Installation Instructions

  1. Clone the Repository:

    git clone https://github.com/ChrAtt1/Sequencing-Data-Analysis-Framework.git
    cd Sequencing-Data-Analysis-Framework
  2. Install Dependencies:

    chmod +x ./install_dependencies.sh
    ./install_dependencies.sh

    The install_dependencies.sh script will install the following:

    • Conda
    • SAMtools
    • BWA Aligner
    • WhatsHap
    • Nanofilt
    • minimap2
    • fastq-filter

    (Links for installation guides and repositories were last accessed on 23 June 2024.)

Initial Configuration

Before the first start, modify the permissions of the scripts to make them executable:

chmod +x ./sequ_data_framework_Illumina.sh
chmod +x ./sequ_data_framework_ONT.sh

Insert the variables directly into the shell scripts (sequ_data_framework_Illumina.sh and sequ_data_framework_ONT.sh). Assign your specific file paths to these variables. Example:

#!/bin/bash
# Specify the base path where the data is located
path_base_data="/path/to/your/base/data"
# Specify the path to the input data
input_data="/path/to/your/input/data"
# Provide the path to the reference sequence file (.fa-file)
path_reference_sequence="/path/to/your/reference/sequence.fa"

Replace the placeholder paths (/path/to/your/...) with the actual paths on your system.

Running the Scripts

To run the scripts, use the following commands in the terminal:

./sequ_data_framework_Illumina.sh
./sequ_data_framework_ONT.sh

Ensure you have the necessary permissions and that the paths specified in the scripts are correct before execution.

Genotype Analyzer

Genotype Analyzer is a Python-based application designed to analyze genotype data using various settings and methods.

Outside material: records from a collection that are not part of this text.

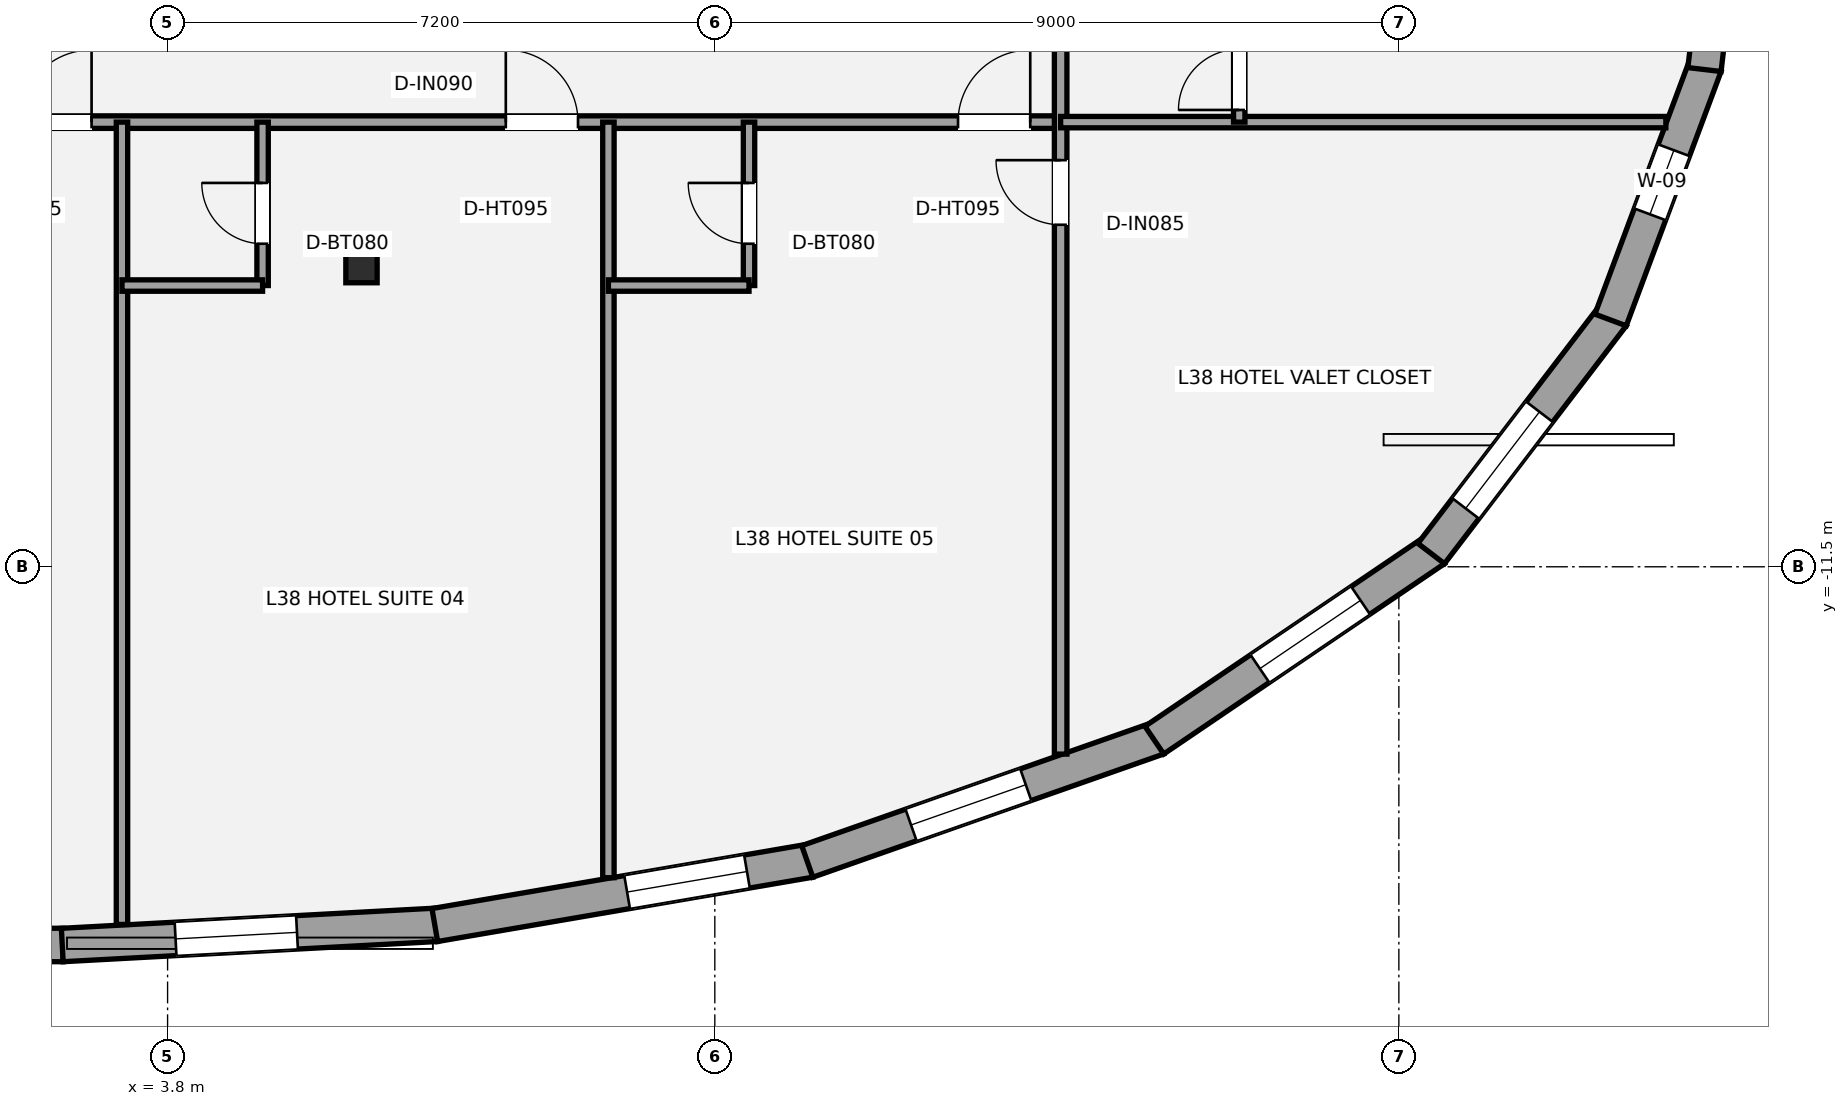
"""IFC4 building model, lengths in metres.
Left out: names, types, materials, properties, quantities, classifications, styles, units other than length and angle.
Written with IfcOpenShell. Run it as: python <this file> out.ifc"""

import sys

from ifc_helpers import new_model, si_unit, direction, frame, frame_2d, origin, origin_2d, place, context, subcontext, project, spatial, rectangle, i_section, extrude, element, fill, save


model = new_model("IFC4")
c1 = context("Model", 3, precision=1e-05, world=origin(), true_north=direction((0.0, 1.0)))
c2 = subcontext(c1, "Body", "Model", "MODEL_VIEW")
j1 = project(units=[si_unit("LENGTHUNIT", "METRE"), si_unit("PLANEANGLEUNIT", "RADIAN")], contexts=[c1])
p1 = place(None, origin())
s1 = spatial("IfcSite", under=j1, at=p1, CompositionType="ELEMENT")
p2 = place(p1, origin())
s2 = spatial("IfcBuilding", under=s1, at=p2, CompositionType="ELEMENT")
p3 = place(p2, frame((0.0, 0.0, 143.8)))
s3 = spatial("IfcBuildingStorey", under=s2, at=p3, CompositionType="ELEMENT", Elevation=143.8)
p4 = place(p3, frame((6.351, -7.546, 0.0), z_axis=(0.0, 0.0, 1.0), x_axis=(1.0, 0.0, 0.0)))
e1 = element("IfcColumn", 1, at=p4, inside=s3, PredefinedType="COLUMN", context=c2, shape_type="SweptSolid", body=[
    extrude(i_section(OverallWidth=0.412, OverallDepth=0.435, WebThickness=0.036, FlangeThickness=0.057, at=origin_2d()), origin(), (0.0, 0.0, 1.0), 3.2),
])
p5 = place(p3, frame((2.426, -16.476, 0.0), z_axis=(0.0, 0.0, 1.0), x_axis=(-1.0, 0.0, 0.0)))
e2 = element("IfcWall", 2, at=p5, inside=s3, PredefinedType="STANDARD", context=c2, shape_type="SweptSolid", body=[
    extrude(rectangle(XDim=4.852, YDim=0.44, at=frame_2d((2.426, 0.0))), origin(), (0.0, 0.0, 1.0), 2.315),
])
p6 = place(p5, frame((1.429, 0.0, 0.58)))
e3 = element("IfcOpeningElement", 3, at=p6, cuts=e2, PredefinedType="OPENING", context=c2, shape_type="SweptSolid", body=[
    extrude(rectangle(XDim=1.6, YDim=1.55, at=frame_2d((0.8, 0.775))), frame((0.0, 0.23, 0.0), z_axis=(0.0, -1.0, 0.0), x_axis=(1.0, 0.0, 0.0)), (0.0, 0.0, 1.0), 0.46),
])
p7 = place(p3, frame((7.341, -16.21, 0.0), z_axis=(0.0, 0.0, 1.0), x_axis=(-0.998547098553, -0.05388591627, 0.0)))
e4 = element("IfcWall", 4, at=p7, inside=s3, PredefinedType="STANDARD", context=c2, shape_type="SweptSolid", body=[
    extrude(rectangle(XDim=4.934, YDim=0.44, at=frame_2d((2.467, 0.0))), origin(), (0.0, 0.0, 1.0), 2.315),
])
p8 = place(p7, frame((1.841, 0.0, 0.58)))
e5 = element("IfcOpeningElement", 5, at=p8, cuts=e4, PredefinedType="OPENING", context=c2, shape_type="SweptSolid", body=[
    extrude(rectangle(XDim=1.6, YDim=1.55, at=frame_2d((0.8, 0.775))), frame((0.0, 0.23, 0.0), z_axis=(0.0, -1.0, 0.0), x_axis=(1.0, 0.0, 0.0)), (0.0, 0.0, 1.0), 0.46),
])
p9 = place(p3, frame((12.252, -15.367, 0.0), z_axis=(0.0, 0.0, 1.0), x_axis=(-0.985640803986, -0.168855575915, 0.0)))
e6 = element("IfcWall", 6, at=p9, inside=s3, PredefinedType="STANDARD", context=c2, shape_type="SweptSolid", body=[
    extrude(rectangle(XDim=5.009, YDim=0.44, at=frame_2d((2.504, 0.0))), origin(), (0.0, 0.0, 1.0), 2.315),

The application provides a graphical user interface (GUI) built with Tkinter, enabling users to input necessary files, configure settings, and perform genotype analysis.

Features

  • Load and parse settings from an Excel file
  • Browse and select files and folders through the GUI
  • Configure sequencing methods and amplicon settings
  • Validate input paths and settings
  • Perform genotype building, merging, and analysis
  • Display progress with a progress bar
  • Measure and print execution time for each step

Requirements

  • Python 3.8+
  • Pandas
  • Tkinter
  • Linux
  • Pycharm

Installation

Install Dependencies

Use pip to install the required libraries:

pip install pandas
pip install math
pip install collections
pip install datetime
pip install scipy
pip install numpy
pip install re
pip install shutil
pip install openpyxl
pip install tkinter

Running the Application

For Linux

python GenotypeAnalyzer.py

For Windows

Run the GenotypeAnalyzer.exe file.

Usage

  1. Load the Settings File:

    The application expects an Excel file named Setting_Genotype-Analyzer.xlsx with two sheets:

    • Sequencing Method Setting
    • Amplicon Setting
  2. Configure Settings:

    • Use the GUI to browse and select the necessary files and folders for the datasets and reference sequence as well es the additional settings.
    • Configure the sequencing methods and amplicon settings as needed.
    • Choose between analyzing VCF files (Option A) or using previous Genotype Analyzer output Excel files (Option B).
  3. Run the Analysis:

    • Click the "Analyse Genotypes" button to start the analysis process.
    • The application will validate the input paths and settings before proceeding.
    • Progress is displayed with a progress bar, and execution times for each step are printed in the console.